Para o deputado, medo, surpresa e violenta emoção são conceitos subjetivos e não devem ser usados pelo juiz para determinar se houve ou não crime. "Estamos dando um recado para a tropa: mate mais".
Por conta dos atrasos nas discussões, o GT prorrogou as atividades por mais trinta dias. Até agora, os deputados já apreciaram 42 das principais matérias do pacote anticrime. Ao todo, foram rejeitadas sete propostas, aprovadas na íntegra outras 13 e aprovadas com ressalvas ou alterações outras 22. Ainda falta analisar outras 25 sugestões.
Dentre as sugestões descartadas até agora pelo GT, há além do excludente de ilicitude outras que são consideradas bandeiras de Moro, como a "plea bargain" e a prisão em segunda instância.
O "plea bargain" é um modelo de acordo, inspirado nos Estados Unidos, onde o acusado pode negociar com o Ministério Público para reduzir a pena e evitar que o processo seja enviado à Justiça. Dessa forma, a pessoa confessa culpa e negocia os termos da pena.
Críticos da medida apontam que isso estimulou o encarceramento nos EUA, situação já crítica no Brasil. O país tem a terceira maior população carcerária do mundo, com mais de 810 mil pessoas presas.
Ao rejeitar a "plea bargain", os parlamentares aprovaram a transação penal do ministro Alexandre de Moraes, que define que crimes sem a utilização da violência podem ser utilizados na negociação direta com o Ministério Público para não gerar o processo.
O relator do GT, Capitão Augusto, era a favor do mecanismo de Moro, mas com os votos se viu vencido, uma vez que a proposta foi derrotada por 8 a 3.
“Aqui foram apresentadas duas propostas: a plea bargain e a transação penal. Escolheram a transação penal. Mas a plea bargain é que era a inovação na nossa legislação penal. Era a inovação no nosso ordenamento jurídico para evitar justamente essa avalanche que entope o nosso Judiciário e faz com que seja extremamente lento”, disse o deputado.
Já em relação à prisão em segunda instância, o GT excluiu o trecho que prevê determinar o cumprimento de pena de prisão após condenação na segunda instância judicial, mesmo ainda cabendo recursos às instâncias superiores. Essa prática já foi determinada por um entendimento do STF, mas o projeto pretendia que isso ficasse mais claro na lei.

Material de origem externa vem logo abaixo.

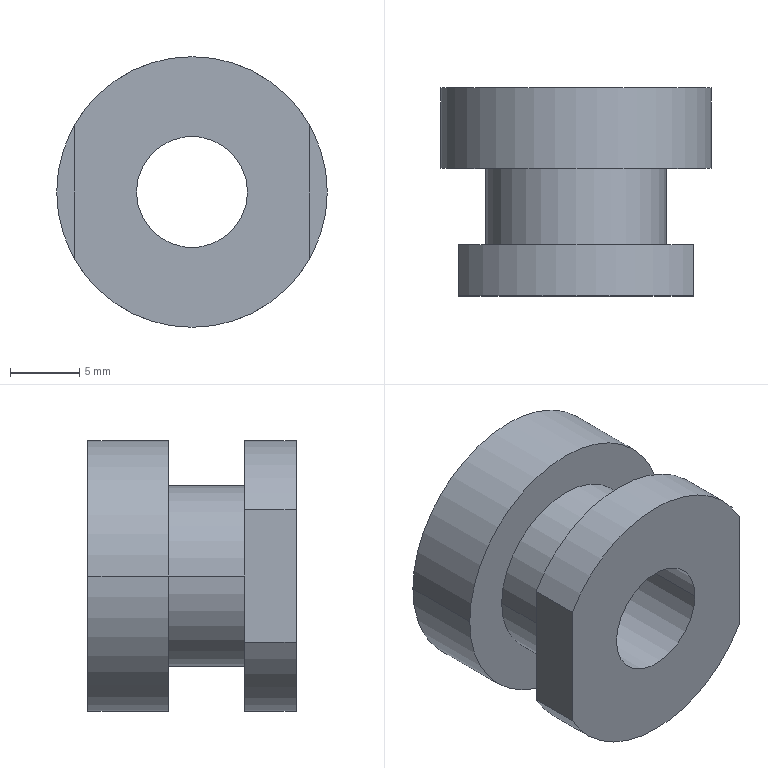Component | SolidWorks | HandlingMechanism-2_A070-1 | 1 solid | 14 faces | box 19.5 x 15 x 19.5 mm | volume 2753 mm3 | cylinder 8 | plane 6 | commonest cylinder face diameters 19.5 x4 8 x2 13 x2
build123d program:
from build123d import *

# Parameters (mm, degrees)
SKETCH1_R           = 9.75
BOSS_EXTRUDE1_DEPTH = 15
SKETCH2_W           = 3.25
SKETCH2_H           = 5.5
SKETCH3_W           = 1.25
SKETCH3_H           = 3.7
CUT_EXTRUDE1_DEPTH  = 7.5
M8_TAPPED_HOLE1_D   = 8


with BuildPart() as part:
    # Sketch1 → Boss-Extrude1 (new body)
    with BuildSketch(Plane.XY):
        Circle(SKETCH1_R)
    extrude(amount=BOSS_EXTRUDE1_DEPTH)

    # Sketch2 → Cut-Revolve1 (revolve, cut)
    with BuildSketch(Plane(origin=(0, 0, 0), x_dir=(1, 0, 0), z_dir=(0, 1, 0)), mode=Mode.PRIVATE) as cut_revolve1_sk:
        with Locations((-8.125, -8.55)):
            Rectangle(SKETCH2_W, SKETCH2_H)
    revolve(cut_revolve1_sk.sketch.rotate(Axis((0, 0, 15), (0, 0, -1)), 180), axis=Axis((0, 0, 15), (0, 0, -1)), mode=Mode.SUBTRACT)

    # Sketch3 → Cut-Extrude1 (cut, symmetric)
    with BuildSketch(Plane(origin=(0, 0, 0), x_dir=(1, 0, 0), z_dir=(0, 1, 0))):
        with Locations((-9.125, -13.15)):
            Rectangle(SKETCH3_W, SKETCH3_H)
        with Locations((9.125, -13.15)):
            Rectangle(SKETCH3_W, SKETCH3_H)
    extrude(amount=CUT_EXTRUDE1_DEPTH, both=True, mode=Mode.SUBTRACT)

    # M8 Tapped Hole1 (through all)
    with Locations(Plane.XY.offset(15)):
        with Locations((0, 0)):
            Hole(M8_TAPPED_HOLE1_D / 2)


solid = part.part

# Placed as in the assembly
solid = solid.moved(Location((25.881, 139.5, 151), (90, 0, 0)))
STEP:
#1=CARTESIAN_POINT('',(1.176,5.492,5.945));
#2=VERTEX_POINT('',#1);
#3=CARTESIAN_POINT('',(0.8614,5.492,5.945));
#4=VERTEX_POINT('',#3);
#5=CARTESIAN_POINT('',(1.019,5.492,5.945));
#6=DIRECTION('',(0.,-1.,-0.));
#7=DIRECTION('',(-1.,-0.,-0.));
#8=AXIS2_PLACEMENT_3D('',#5,#6,#7);
#9=CIRCLE('',#8,0.1575);
#10=EDGE_CURVE('',#2,#4,#9,.T.);
#11=ORIENTED_EDGE('',*,*,#10,.F.);
#12=CARTESIAN_POINT('',(1.176,4.902,5.945));
#13=VERTEX_POINT('',#12);
#14=CARTESIAN_POINT('',(1.176,4.902,5.945));
#15=DIRECTION('',(0.,-1.,-0.));
#16=VECTOR('',#15,39.37);
#17=LINE('',#14,#16);
#18=EDGE_CURVE('',#2,#13,#17,.T.);
#19=ORIENTED_EDGE('',*,*,#18,.T.);
#20=CARTESIAN_POINT('',(0.8614,4.902,5.945));
#21=VERTEX_POINT('',#20);
#22=CARTESIAN_POINT('',(1.019,4.902,5.945));
#23=DIRECTION('',(0.,-1.,-0.));
#24=DIRECTION('',(-1.,-0.,-0.));
#25=AXIS2_PLACEMENT_3D('',#22,#23,#24);
#26=CIRCLE('',#25,0.1575);
#27=EDGE_CURVE('',#13,#21,#26,.T.);
#28=ORIENTED_EDGE('',*,*,#27,.T.);
#29=CARTESIAN_POINT('',(0.8614,4.902,5.945));
#30=DIRECTION('',(0.,-1.,-0.));
#31=VECTOR('',#30,39.37);
#32=LINE('',#29,#31);
#33=EDGE_CURVE('',#4,#21,#32,.T.);
#34=ORIENTED_EDGE('',*,*,#33,.F.);
#35=EDGE_LOOP('',(#11,#19,#28,#34));
#36=FACE_OUTER_BOUND('',#35,.T.);
#37=CARTESIAN_POINT('',(1.019,4.902,5.945));
#38=DIRECTION('',(0.,-1.,-0.));
#39=DIRECTION('',(-1.,-0.,-0.));
#40=AXIS2_PLACEMENT_3D('',#37,#38,#39);
#41=CYLINDRICAL_SURFACE('',#40,0.1575);
#42=ADVANCED_FACE('',(#36),#41,.F.);
#43=CARTESIAN_POINT('',(0.6351,5.264,5.945));
#44=VERTEX_POINT('',#43);
#45=CARTESIAN_POINT('',(1.403,5.264,5.945));
#46=VERTEX_POINT('',#45);
#47=CARTESIAN_POINT('',(1.019,5.264,5.945));
#48=DIRECTION('',(0.,-1.,-0.));
#49=DIRECTION('',(-1.,-0.,-0.));
#50=AXIS2_PLACEMENT_3D('',#47,#48,#49);
#51=CIRCLE('',#50,0.3839);
#52=EDGE_CURVE('',#44,#46,#51,.T.);
#53=ORIENTED_EDGE('',*,*,#52,.F.);
#54=CARTESIAN_POINT('',(0.6351,5.492,5.945));
#55=VERTEX_POINT('',#54);
#56=CARTESIAN_POINT('',(0.6351,4.902,5.945));
#57=DIRECTION('',(-0.,1.,0.));
#58=VECTOR('',#57,39.37);
#59=LINE('',#56,#58);
#60=EDGE_CURVE('',#44,#55,#59,.T.);
#61=ORIENTED_EDGE('',*,*,#60,.T.);
#62=CARTESIAN_POINT('',(1.403,5.492,5.945));
#63=VERTEX_POINT('',#62);
#64=CARTESIAN_POINT('',(1.019,5.492,5.945));
#65=DIRECTION('',(0.,-1.,-0.));
#66=DIRECTION('',(-1.,-0.,-0.));
#67=AXIS2_PLACEMENT_3D('',#64,#65,#66);
#68=CIRCLE('',#67,0.3839);
#69=EDGE_CURVE('',#55,#63,#68,.T.);
#70=ORIENTED_EDGE('',*,*,#69,.T.);
#71=CARTESIAN_POINT('',(1.403,4.902,5.945));
#72=DIRECTION('',(-0.,1.,0.));
#73=VECTOR('',#72,39.37);
#74=LINE('',#71,#73);
#75=EDGE_CURVE('',#46,#63,#74,.T.);
#76=ORIENTED_EDGE('',*,*,#75,.F.);
#77=EDGE_LOOP('',(#53,#61,#70,#76));
#78=FACE_OUTER_BOUND('',#77,.T.);
#79=CARTESIAN_POINT('',(1.019,4.902,5.945));
#80=DIRECTION('',(-0.,1.,0.));
#81=DIRECTION('',(1.,0.,0.));
#82=AXIS2_PLACEMENT_3D('',#79,#80,#81);
#83=CYLINDRICAL_SURFACE('',#82,0.3839);
#84=ADVANCED_FACE('',(#78),#83,.T.);
#85=CARTESIAN_POINT('',(0.763,5.264,5.945));
#86=VERTEX_POINT('',#85);
#87=CARTESIAN_POINT('',(1.275,5.264,5.945));
#88=VERTEX_POINT('',#87);
#89=CARTESIAN_POINT('',(1.019,5.264,5.945));
#90=DIRECTION('',(0.,-1.,-0.));
#91=DIRECTION('',(-1.,-0.,-0.));
#92=AXIS2_PLACEMENT_3D('',#89,#90,#91);
#93=CIRCLE('',#92,0.2559);
#94=EDGE_CURVE('',#86,#88,#93,.T.);
#95=ORIENTED_EDGE('',*,*,#94,.T.);
#96=CARTESIAN_POINT('',(1.275,5.047,5.945));
#97=VERTEX_POINT('',#96);
#98=CARTESIAN_POINT('',(1.275,4.902,5.945));
#99=DIRECTION('',(0.,-1.,-0.));
#100=VECTOR('',#99,39.37);
#101=LINE('',#98,#100);
#102=EDGE_CURVE('',#88,#97,#101,.T.);
#103=ORIENTED_EDGE('',*,*,#102,.T.);
#104=CARTESIAN_POINT('',(0.763,5.047,5.945));
#105=VERTEX_POINT('',#104);
#106=CARTESIAN_POINT('',(1.019,5.047,5.945));
#107=DIRECTION('',(0.,-1.,-0.));
#108=DIRECTION('',(-1.,-0.,-0.));
#109=AXIS2_PLACEMENT_3D('',#106,#107,#108);
#110=CIRCLE('',#109,0.2559);
#111=EDGE_CURVE('',#105,#97,#110,.T.);
#112=ORIENTED_EDGE('',*,*,#111,.F.);
#113=CARTESIAN_POINT('',(0.763,4.902,5.945));
#114=DIRECTION('',(0.,-1.,-0.));
#115=VECTOR('',#114,39.37);
#116=LINE('',#113,#115);
#117=EDGE_CURVE('',#86,#105,#116,.T.);
#118=ORIENTED_EDGE('',*,*,#117,.F.);
#119=EDGE_LOOP('',(#95,#103,#112,#118));
#120=FACE_OUTER_BOUND('',#119,.T.);
#121=CARTESIAN_POINT('',(1.019,4.902,5.945));
#122=DIRECTION('',(0.,-1.,-0.));
#123=DIRECTION('',(-1.,-0.,-0.));
#124=AXIS2_PLACEMENT_3D('',#121,#122,#123);
#125=CYLINDRICAL_SURFACE('',#124,0.2559);
#126=ADVANCED_FACE('',(#120),#125,.T.);
#127=CARTESIAN_POINT('',(0.6843,4.902,5.757));
#128=VERTEX_POINT('',#127);
#129=CARTESIAN_POINT('',(1.354,4.902,5.757));
#130=VERTEX_POINT('',#129);
#131=CARTESIAN_POINT('',(1.019,4.902,5.945));
#132=DIRECTION('',(0.,-1.,-0.));
#133=DIRECTION('',(-1.,-0.,-0.));
#134=AXIS2_PLACEMENT_3D('',#131,#132,#133);
#135=CIRCLE('',#134,0.3839);
#136=EDGE_CURVE('',#128,#130,#135,.T.);
#137=ORIENTED_EDGE('',*,*,#136,.F.);
#138=CARTESIAN_POINT('',(0.6843,5.047,5.757));
#139=VERTEX_POINT('',#138);
#140=CARTESIAN_POINT('',(0.6843,4.902,5.757));
#141=DIRECTION('',(-0.,1.,0.));
#142=VECTOR('',#141,39.37);
#143=LINE('',#140,#142);
#144=EDGE_CURVE('',#128,#139,#143,.T.);
#145=ORIENTED_EDGE('',*,*,#144,.T.);
#146=CARTESIAN_POINT('',(1.354,5.047,5.757));
#147=VERTEX_POINT('',#146);
#148=CARTESIAN_POINT('',(1.019,5.047,5.945));
#149=DIRECTION('',(0.,-1.,-0.));
#150=DIRECTION('',(-1.,-0.,-0.));
#151=AXIS2_PLACEMENT_3D('',#148,#149,#150);
#152=CIRCLE('',#151,0.3839);
#153=EDGE_CURVE('',#139,#147,#152,.T.);
#154=ORIENTED_EDGE('',*,*,#153,.T.);
#155=CARTESIAN_POINT('',(1.354,4.902,5.757));
#156=DIRECTION('',(0.,-1.,-0.));
#157=VECTOR('',#156,39.37);
#158=LINE('',#155,#157);
#159=EDGE_CURVE('',#147,#130,#158,.T.);
#160=ORIENTED_EDGE('',*,*,#159,.T.);
#161=EDGE_LOOP('',(#137,#145,#154,#160));
#162=FACE_OUTER_BOUND('',#161,.T.);
#163=CARTESIAN_POINT('',(1.019,4.902,5.945));
#164=DIRECTION('',(-0.,1.,0.));
#165=DIRECTION('',(1.,0.,0.));
#166=AXIS2_PLACEMENT_3D('',#163,#164,#165);
#167=CYLINDRICAL_SURFACE('',#166,0.3839);
#168=ADVANCED_FACE('',(#162),#167,.T.);
#169=CARTESIAN_POINT('',(1.354,5.047,6.133));
#170=VERTEX_POINT('',#169);
#171=CARTESIAN_POINT('',(0.6843,5.047,6.133));
#172=VERTEX_POINT('',#171);
#173=CARTESIAN_POINT('',(1.019,5.047,5.945));
#174=DIRECTION('',(0.,-1.,-0.));
#175=DIRECTION('',(-1.,-0.,-0.));
#176=AXIS2_PLACEMENT_3D('',#173,#174,#175);
#177=CIRCLE('',#176,0.3839);
#178=EDGE_CURVE('',#170,#172,#177,.T.);
#179=ORIENTED_EDGE('',*,*,#178,.T.);
#180=CARTESIAN_POINT('',(0.6843,4.902,6.133));
#181=VERTEX_POINT('',#180);
#182=CARTESIAN_POINT('',(0.6843,4.902,6.133));
#183=DIRECTION('',(0.,-1.,-0.));
#184=VECTOR('',#183,39.37);
#185=LINE('',#182,#184);
#186=EDGE_CURVE('',#172,#181,#185,.T.);
#187=ORIENTED_EDGE('',*,*,#186,.T.);
#188=CARTESIAN_POINT('',(1.354,4.902,6.133));
#189=VERTEX_POINT('',#188);
#190=CARTESIAN_POINT('',(1.019,4.902,5.945));
#191=DIRECTION('',(0.,-1.,-0.));
#192=DIRECTION('',(-1.,-0.,-0.));
#193=AXIS2_PLACEMENT_3D('',#190,#191,#192);
#194=CIRCLE('',#193,0.3839);
#195=EDGE_CURVE('',#189,#181,#194,.T.);
#196=ORIENTED_EDGE('',*,*,#195,.F.);
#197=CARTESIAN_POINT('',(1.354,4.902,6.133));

Uma outra derrota sofrida pelo ministro de Bolsonaro foi a inclusão no texto da proposta da criação da figura do "juiz de garantias", um magistrado responsável exclusivamente por supervisionar investigações e garantir cumprimento dos direitos dos acusados.
Atualmente, o mesmo juiz que participa da fase de inquérito também profere a sentença, o que, para alguns especialistas, compromete a imparcialidade do julgamento.
Moro já se disse contra a proposta em diversas ocasiões, mas o debate ficou aquecido após revelações da Vaza Jato, pelo The Intercept Brasil e outros veículos de comunicação, colocar em xeque a imparcialidade do ex-juiz, quando ele atuava na Operação Lava Jato.
Diante das derrotas significativas, o ministro vem traçando estratégias para salvar seu pacote anticrime. Entre elas está a procura de um relator “amigo”, favorável às propostas, para retomar o texto original em plenário e excluir as discussões do GT.
Também está em curso o lançamento de uma campanha publicitária para garantir apoio às medidas, que deveria estar no ar desde de junho, mas acabaram sendo adiadas para outubro após as revelações da Vaza Jato arranharem a imagem e credibilidade do ministro.
O governo negou que a suspensão da propaganda estivesse relacionada ao escândalo e atribuiu a decisão à necessidade de focar na reforma da Previdência, que atualmente está no Senado.
No entanto, no início de agosto, a Secretaria de Comunicação reviu as peças e vetou parte do material por não estar de acordo com “as ideias do governo”.
Uma das propagandas censuradas relatava uma história de violência que levantava questionamentos sobre a ampliação do porte de armas, defendida pelo presidente Bolsonaro.
É incerto, portanto, o futuro da principal bandeira de Moro, que abandonou 22 anos de magistratura para integrar o governo.